The history of keeping of a daily record of my life and times dates back to my ninth grade year of junior high school. A visionary English teacher encouraged all her students to keep a daily record of their thoughts in her class. I believe I am the only one who did so completely through to the end. It wasn’t until the following year however that I began keeping a daily record of the happenings in my world and life as a matter of personal routine. With the exception of my time spent in Navy boot camp in early 1978, it has been a daily exercise of my intellectual hygiene and self-maintenance.
This evening’s Journal catalog entry #46-366 will mark the final post representing one observer’s description of a year in which the level of surrealism in daily life was matched only by the sobriety of the number and variety of losses sustained in it. Few if any people in Oklahoma, the United States and for that matter the entire World know anybody who has been completely unaffected by the imposition of a lethal pathogen. For a year that began with so much promise, it is ending with a ubiquitous sense of extremely high uncertainty. Despite a pervasive sense that the national ship of state has began making that long and slow turn back to the waters of competent and respected leadership, all of America has had to learn some hard and difficult lessons along the way. Looking back at year 2020, the hardest lesson that was played out on centerstage of a worldwide disaster was never underestimate the benefit of having a clear-headed, capable and competent mind at the nation’s helm. I realize that is something completely lost on 40 or so percent of the citizenry but everyone on the planet has now seen what a reality show host can do and how they can perform in the face of a worldwide disaster. On November 3rd, enough voters to matter opted to replace him.
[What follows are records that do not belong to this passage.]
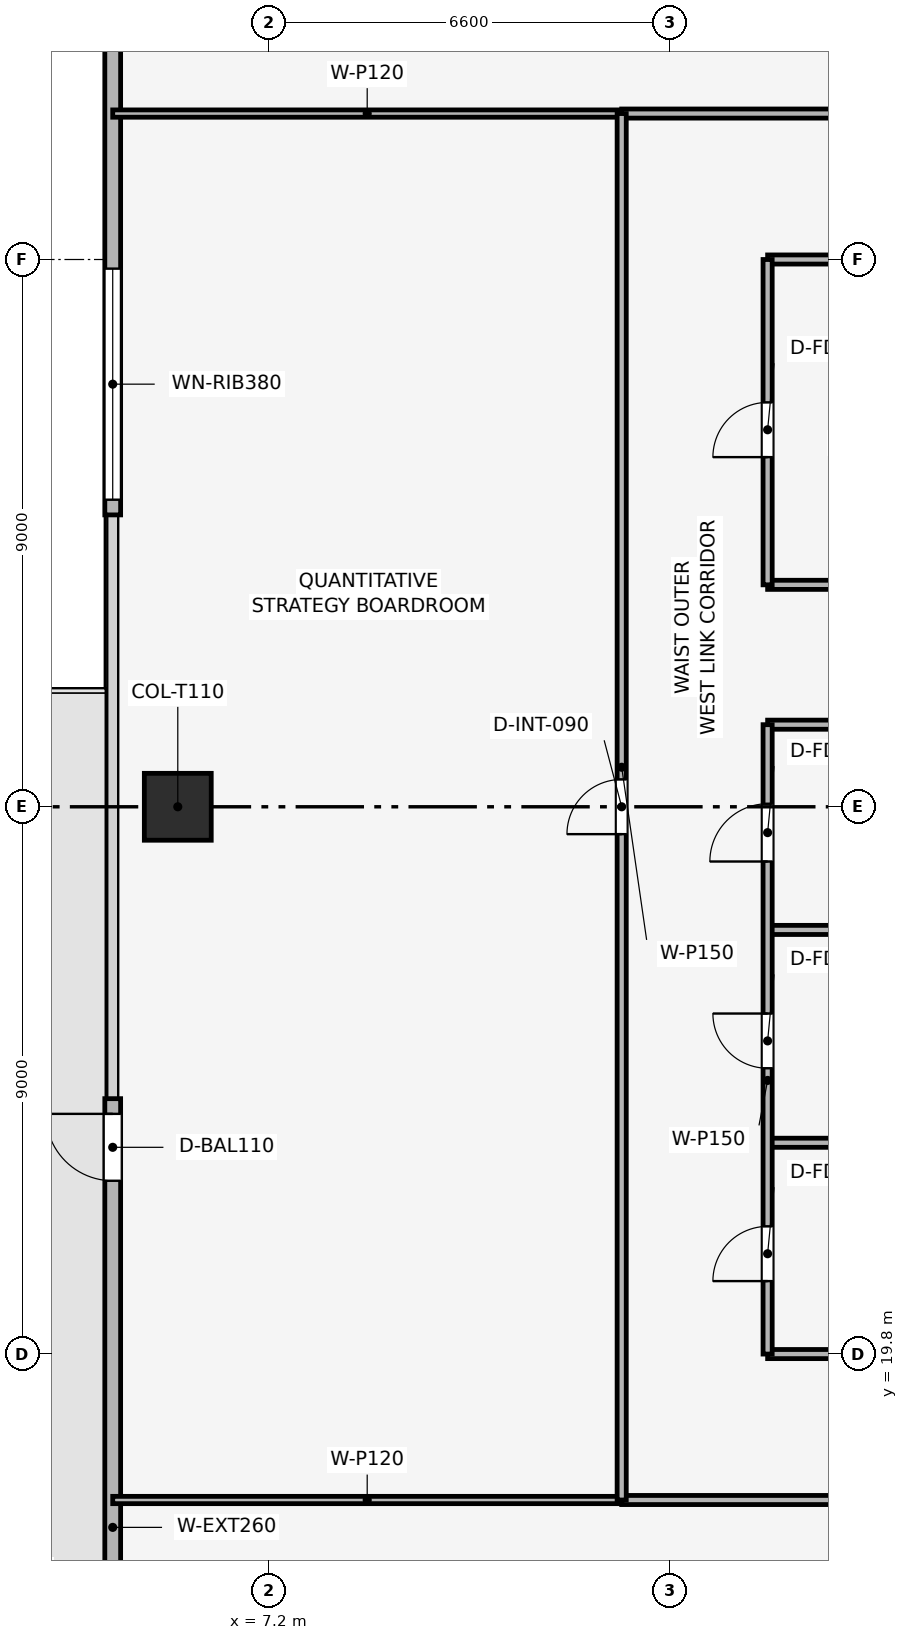
"""IFC4 building model, lengths in metres.
Left out: names, types, materials, properties, quantities, classifications, styles, units other than length and angle.
Written with IfcOpenShell. Run it as: python <this file> out.ifc"""

import sys

from ifc_helpers import new_model, si_unit, direction, frame, frame_2d, origin, origin_2d, place, context, subcontext, project, spatial, rectangle, extrude, element, fill, save


model = new_model("IFC4")
c1 = context("Model", 3, precision=1e-05, world=origin(), true_north=direction((0.0, 1.0)))
c2 = subcontext(c1, "Body", "Model", "MODEL_VIEW")
j1 = project(units=[si_unit("LENGTHUNIT", "METRE"), si_unit("PLANEANGLEUNIT", "RADIAN")], contexts=[c1])
p1 = place(None, origin())
s1 = spatial("IfcSite", under=j1, at=p1, CompositionType="ELEMENT")
p2 = place(p1, origin())
s2 = spatial("IfcBuilding", under=s1, at=p2, CompositionType="ELEMENT")
p3 = place(p2, frame((0.0, 0.0, 175.8)))
s3 = spatial("IfcBuildingStorey", under=s2, at=p3, CompositionType="ELEMENT", Elevation=175.8)
p4 = place(p3, frame((5.7, 28.8, 0.003), z_axis=(0.0, 0.0, 1.0), x_axis=(1.0, 0.0, 0.0)))
e1 = element("IfcColumn", 1, at=p4, inside=s3, PredefinedType="COLUMN", context=c2, shape_type="SweptSolid", body=[
    extrude(rectangle(XDim=1.1, YDim=1.1, at=origin_2d()), origin(), (0.0, 0.0, 1.0), 3.489),
])
p5 = place(p3, frame((4.63, 11.4, 0.0), z_axis=(0.0, 0.0, 1.0), x_axis=(0.0, 1.0, 0.0)))
e2 = element("IfcWall", 2, at=p5, inside=s3, PredefinedType="SOLIDWALL", context=c2, shape_type="SweptSolid", body=[
    extrude(rectangle(XDim=12.6, YDim=0.26, at=frame_2d((6.3, 0.0))), origin(), (0.0, 0.0, 1.0), 3.495),
])
p6 = place(p5, frame((11.25, 0.0, 0.0)))
e3 = element("IfcOpeningElement", 3, at=p6, cuts=e2, PredefinedType="OPENING", context=c2, shape_type="SweptSolid", body=[
    extrude(rectangle(XDim=1.1, YDim=2.2, at=frame_2d((0.55, 1.1))), frame((0.0, 0.14, 0.0), z_axis=(0.0, -1.0, 0.0), x_axis=(1.0, 0.0, 0.0)), (0.0, 0.0, 1.0), 0.28),
])
p7 = place(p3, frame((4.63, 33.6, 0.0), z_axis=(0.0, 0.0, 1.0), x_axis=(0.0, 1.0, 0.0)))
e4 = element("IfcWall", 4, at=p7, inside=s3, PredefinedType="SOLIDWALL", context=c2, shape_type="SweptSolid", body=[
    extrude(rectangle(XDim=12.6, YDim=0.26, at=frame_2d((6.3, 0.0))), origin(), (0.0, 0.0, 1.0), 3.495),
])
p8 = place(p7, frame((0.25, 0.0, 0.9)))
e5 = element("IfcOpeningElement", 5, at=p8, cuts=e4, PredefinedType="OPENING", context=c2, shape_type="SweptSolid", body=[
    extrude(rectangle(XDim=3.8, YDim=1.9, at=frame_2d((1.9, 0.95))), frame((0.0, 0.14, 0.0), z_axis=(0.0, -1.0, 0.0), x_axis=(1.0, 0.0, 0.0)), (0.0, 0.0, 1.0), 0.28),
])
p9 = place(p3, frame((15.4, 19.8, 0.0), z_axis=(0.0, 0.0, 1.0), x_axis=(1.0, 0.0, 0.0)))
e6 = element("IfcWall", 6, at=p9, inside=s3, PredefinedType="PARTITIONING", context=c2, shape_type="SweptSolid", body=[
    extrude(rectangle(XDim=4.4, YDim=0.15, at=frame_2d((2.2, 0.0))), origin(), (0.0, 0.0, 1.0), 3.03),
])
for number, where, z_axis, x_axis in (
    (7, (15.4, 23.275, 0.0), (0.0, 0.0, 1.0), (1.0, 0.0, 0.0)),
    (8, (15.4, 26.775, 0.0), (0.0, 0.0, 1.0), (1.0, 0.0, 0.0)),
    (9, (15.4, 30.15, 0.0), (0.0, 0.0, 1.0), (1.0, 0.0, 0.0)),
    (10, (15.4, 32.45, 0.0), (0.0, 0.0, 1.0), (1.0, 0.0, 0.0)),
):
    element("IfcWall", number, at=place(p3, frame(where, z_axis=z_axis, x_axis=x_axis)), inside=s3, PredefinedType="PARTITIONING", context=c2, shape_type="SweptSolid", body=[
        extrude(rectangle(XDim=4.4, YDim=0.15, at=frame_2d((2.2, 0.0))), origin(), (0.0, 0.0, 1.0), 3.495),
    ])
p10 = place(p3, frame((15.4, 37.8, 0.0), z_axis=(0.0, 0.0, 1.0), x_axis=(1.0, 0.0, 0.0)))
e11 = element("IfcWall", 11, at=p10, inside=s3, PredefinedType="PARTITIONING", context=c2, shape_type="SweptSolid", body=[
    extrude(rectangle(XDim=4.4, YDim=0.15, at=frame_2d((2.2, 0.0))), origin(), (0.0, 0.0, 1.0), 3.03),
])
p11 = place(p3, frame((15.4, 19.8, 0.0), z_axis=(0.0, 0.0, 1.0), x_axis=(0.0, 1.0, 0.0)))
e12 = element("IfcWall", 12, at=p11, inside=s3, PredefinedType="PARTITIONING", context=c2, shape_type="SweptSolid", body=[
    extrude(rectangle(XDim=10.35, YDim=0.15, at=frame_2d((5.175, 0.0))), origin(), (0.0, 0.0, 1.0), 3.03),
])
p12 = place(p11, frame((1.2, 0.0, 0.0)))
e13 = element("IfcOpeningElement", 13, at=p12, cuts=e12, PredefinedType="OPENING", context=c2, shape_type="SweptSolid", body=[
    extrude(rectangle(XDim=0.9, YDim=2.1, at=frame_2d((0.45, 1.05))), frame((0.0, 0.085, 0.0), z_axis=(0.0, -1.0, 0.0), x_axis=(1.0, 0.0, 0.0)), (0.0, 0.0, 1.0), 0.17),
])
p13 = place(p11, frame((4.7, 0.0, 0.0)))
e14 = element("IfcOpeningElement", 14, at=p13, cuts=e12, PredefinedType="OPENING", context=c2, shape_type="SweptSolid", body=[
    extrude(rectangle(XDim=0.9, YDim=2.1, at=frame_2d((0.45, 1.05))), frame((0.0, 0.085, 0.0), z_axis=(0.0, -1.0, 0.0), x_axis=(1.0, 0.0, 0.0)), (0.0, 0.0, 1.0), 0.17),
])
p14 = place(p11, frame((8.1, 0.0, 0.0)))
e15 = element("IfcOpeningElement", 15, at=p14, cuts=e12, PredefinedType="OPENING", context=c2, shape_type="SweptSolid", body=[
    extrude(rectangle(XDim=0.95, YDim=2.1, at=frame_2d((0.475, 1.05))), frame((0.0, 0.085, 0.0), z_axis=(0.0, -1.0, 0.0), x_axis=(1.0, 0.0, 0.0)), (0.0, 0.0, 1.0), 0.17),
])
p15 = place(p3, frame((15.4, 32.45, 0.0), z_axis=(0.0, 0.0, 1.0), x_axis=(0.0, 1.0, 0.0)))
e16 = element("IfcWall", 16, at=p15, inside=s3, PredefinedType="PARTITIONING", context=c2, shape_type="SweptSolid", body=[
    extrude(rectangle(XDim=5.35, YDim=0.15, at=frame_2d((2.675, 0.0))), origin(), (0.0, 0.0, 1.0), 3.03),
])
p16 = place(p15, frame((2.1, 0.0, 0.0)))
e17 = element("IfcOpeningElement", 17, at=p16, cuts=e16, PredefinedType="OPENING", context=c2, shape_type="SweptSolid", body=[
    extrude(rectangle(XDim=0.9, YDim=2.1, at=frame_2d((0.45, 1.05))), frame((0.0, 0.085, 0.0), z_axis=(0.0, -1.0, 0.0), x_axis=(1.0, 0.0, 0.0)), (0.0, 0.0, 1.0), 0.17),
])
for number, where, z_axis, x_axis in (
    (18, (4.63, 17.4, 0.0), (0.0, 0.0, 1.0), (1.0, 0.0, 0.0)),
    (19, (4.63, 40.2, 0.0), (0.0, 0.0, 1.0), (1.0, 0.0, 0.0)),
):
    element("IfcWall", number, at=place(p3, frame(where, z_axis=z_axis, x_axis=x_axis)), inside=s3, PredefinedType="PARTITIONING", context=c2, shape_type="SweptSolid", body=[
        extrude(rectangle(XDim=8.37, YDim=0.12, at=frame_2d((4.185, 0.0))), origin(), (0.0, 0.0, 1.0), 2.98),
    ])
p17 = place(p3, frame((13.0, 17.4, 0.0), z_axis=(0.0, 0.0, 1.0), x_axis=(1.0, 0.0, 0.0)))
e20 = element("IfcWall", 20, at=p17, inside=s3, PredefinedType="PARTITIONING", context=c2, shape_type="SweptSolid", body=[
    extrude(rectangle(XDim=31.6, YDim=0.15, at=frame_2d((15.8, 0.0))), origin(), (0.0, 0.0, 1.0), 3.03),
])
p18 = place(p17, frame((15.35, 0.0, 0.0)))
e21 = element("IfcOpeningElement", 21, at=p18, cuts=e20, PredefinedType="OPENING", context=c2, shape_type="SweptSolid", body=[
    extrude(rectangle(XDim=0.9, YDim=2.1, at=frame_2d((0.45, 1.05))), frame((0.0, 0.085, 0.0), z_axis=(0.0, -1.0, 0.0), x_axis=(1.0, 0.0, 0.0)), (0.0, 0.0, 1.0), 0.17),
])
p19 = place(p3, frame((13.0, 40.2, 0.0), z_axis=(0.0, 0.0, 1.0), x_axis=(1.0, 0.0, 0.0)))
e22 = element("IfcWall", 22, at=p19, inside=s3, PredefinedType="PARTITIONING", context=c2, shape_type="SweptSolid", body=[
    extrude(rectangle(XDim=31.6, YDim=0.15, at=frame_2d((15.8, 0.0))), origin(), (0.0, 0.0, 1.0), 3.03),
])
p20 = place(p19, frame((6.775, 0.0, 0.0)))
e23 = element("IfcOpeningElement", 23, at=p20, cuts=e22, PredefinedType="OPENING", context=c2, shape_type="SweptSolid", body=[
    extrude(rectangle(XDim=0.9, YDim=2.1, at=frame_2d((0.45, 1.05))), frame((0.0, 0.085, 0.0), z_axis=(0.0, -1.0, 0.0), x_axis=(1.0, 0.0, 0.0)), (0.0, 0.0, 1.0), 0.17),
])
p21 = place(p19, frame((22.575, 0.0, 0.0)))
e24 = element("IfcOpeningElement", 24, at=p21, cuts=e22, PredefinedType="OPENING", context=c2, shape_type="SweptSolid", body=[
    extrude(rectangle(XDim=0.9, YDim=2.1, at=frame_2d((0.45, 1.05))), frame((0.0, 0.085, 0.0), z_axis=(0.0, -1.0, 0.0), x_axis=(1.0, 0.0, 0.0)), (0.0, 0.0, 1.0), 0.17),
])
p22 = place(p3, frame((13.0, 17.4, 0.0), z_axis=(0.0, 0.0, 1.0), x_axis=(0.0, 1.0, 0.0)))
e25 = element("IfcWall", 25, at=p22, inside=s3, PredefinedType="PARTITIONING", context=c2, shape_type="SweptSolid", body=[
    extrude(rectangle(XDim=22.8, YDim=0.15, at=frame_2d((11.4, 0.0))), origin(), (0.0, 0.0, 1.0), 3.03),
])
p23 = place(p22, frame((10.95, 0.0, 0.0)))
e26 = element("IfcOpeningElement", 26, at=p23, cuts=e25, PredefinedType="OPENING", context=c2, shape_type="SweptSolid", body=[
    extrude(rectangle(XDim=0.9, YDim=2.1, at=frame_2d((0.45, 1.05))), frame((0.0, 0.085, 0.0), z_axis=(0.0, -1.0, 0.0), x_axis=(1.0, 0.0, 0.0)), (0.0, 0.0, 1.0), 0.17),
])
p24 = place(p6, origin())
e27 = element("IfcDoor", 27, at=p24, inside=s3, OperationType="SINGLE_SWING_RIGHT", PredefinedType="DOOR", context=c2, shape_type="SweptSolid", body=[
    extrude(rectangle(XDim=1.1, YDim=2.2, at=frame_2d((0.55, 1.1))), frame((0.0, 0.025, 0.0), z_axis=(0.0, -1.0, 0.0), x_axis=(1.0, 0.0, 0.0)), (0.0, 0.0, 1.0), 0.05),
])
fill(e3, e27)
p25 = place(p8, origin())
e28 = element("IfcWindow", 28, at=p25, inside=s3, PartitioningType="SINGLE_PANEL", PredefinedType="WINDOW", context=c2, shape_type="SweptSolid", body=[
    extrude(rectangle(XDim=3.8, YDim=1.9, at=frame_2d((1.9, 0.95))), frame((0.0, 0.03, 0.0), z_axis=(0.0, -1.0, 0.0), x_axis=(1.0, 0.0, 0.0)), (0.0, 0.0, 1.0), 0.06),
])
fill(e5, e28)
p26 = place(p12, origin())
e29 = element("IfcDoor", 29, at=p26, inside=s3, OperationType="SINGLE_SWING_LEFT", PredefinedType="DOOR", context=c2, shape_type="SweptSolid", body=[
    extrude(rectangle(XDim=0.9, YDim=2.1, at=frame_2d((0.45, 1.05))), frame((0.0, 0.025, 0.0), z_axis=(0.0, -1.0, 0.0), x_axis=(1.0, 0.0, 0.0)), (0.0, 0.0, 1.0), 0.05),
])
fill(e13, e29)
p27 = place(p13, origin())
e30 = element("IfcDoor", 30, at=p27, inside=s3, OperationType="SINGLE_SWING_RIGHT", PredefinedType="DOOR", context=c2, shape_type="SweptSolid", body=[
    extrude(rectangle(XDim=0.9, YDim=2.1, at=frame_2d((0.45, 1.05))), frame((0.0, 0.025, 0.0), z_axis=(0.0, -1.0, 0.0), x_axis=(1.0, 0.0, 0.0)), (0.0, 0.0, 1.0), 0.05),
])
fill(e14, e30)
p28 = place(p14, origin())
e31 = element("IfcDoor", 31, at=p28, inside=s3, OperationType="SINGLE_SWING_LEFT", PredefinedType="DOOR", context=c2, shape_type="SweptSolid", body=[
    extrude(rectangle(XDim=0.95, YDim=2.1, at=frame_2d((0.475, 1.05))), frame((0.0, 0.025, 0.0), z_axis=(0.0, -1.0, 0.0), x_axis=(1.0, 0.0, 0.0)), (0.0, 0.0, 1.0), 0.05),
])
fill(e15, e31)
p29 = place(p16, origin())
e32 = element("IfcDoor", 32, at=p29, inside=s3, OperationType="SINGLE_SWING_LEFT", PredefinedType="DOOR", context=c2, shape_type="SweptSolid", body=[
    extrude(rectangle(XDim=0.9, YDim=2.1, at=frame_2d((0.45, 1.05))), frame((0.0, 0.025, 0.0), z_axis=(0.0, -1.0, 0.0), x_axis=(1.0, 0.0, 0.0)), (0.0, 0.0, 1.0), 0.05),
])
fill(e17, e32)
p30 = place(p23, origin())
e33 = element("IfcDoor", 33, at=p30, inside=s3, OperationType="SINGLE_SWING_LEFT", PredefinedType="DOOR", context=c2, shape_type="SweptSolid", body=[
    extrude(rectangle(XDim=0.9, YDim=2.1, at=frame_2d((0.45, 1.05))), frame((0.0, 0.025, 0.0), z_axis=(0.0, -1.0, 0.0), x_axis=(1.0, 0.0, 0.0)), (0.0, 0.0, 1.0), 0.05),
])
fill(e26, e33)
save(model, sys.argv[1])

As much as so many of us would like to have what golfers call a “Mulligan” on 2020, sadly there are no do-overs. The best we could all hope for is to never forget the failures that contributed to compounding the misery imposed by a pandemic and recommit ourselves to supporting leadership seeking to do the maximal amount of good for the greatest number of those governed. It is my hope that contempt, scorn and divisiveness can be transcended as we depart from the era of “alternative facts” and improved results will serve the good of all in the New Year. The significance of concluding Volume 46 of my daily recordings of my life and times is the mark of a new starting point. Year 2020 will not be forgotten anytime soon and certainly never by me or anyone I know. My detailed account of it will serve as a stark reminder of where we all have been. I therefore bid 2020 a fond farewell tonight and put the finishing touches on Journal Volume 46. Here’s to a hard-lived year and to easier times ahead.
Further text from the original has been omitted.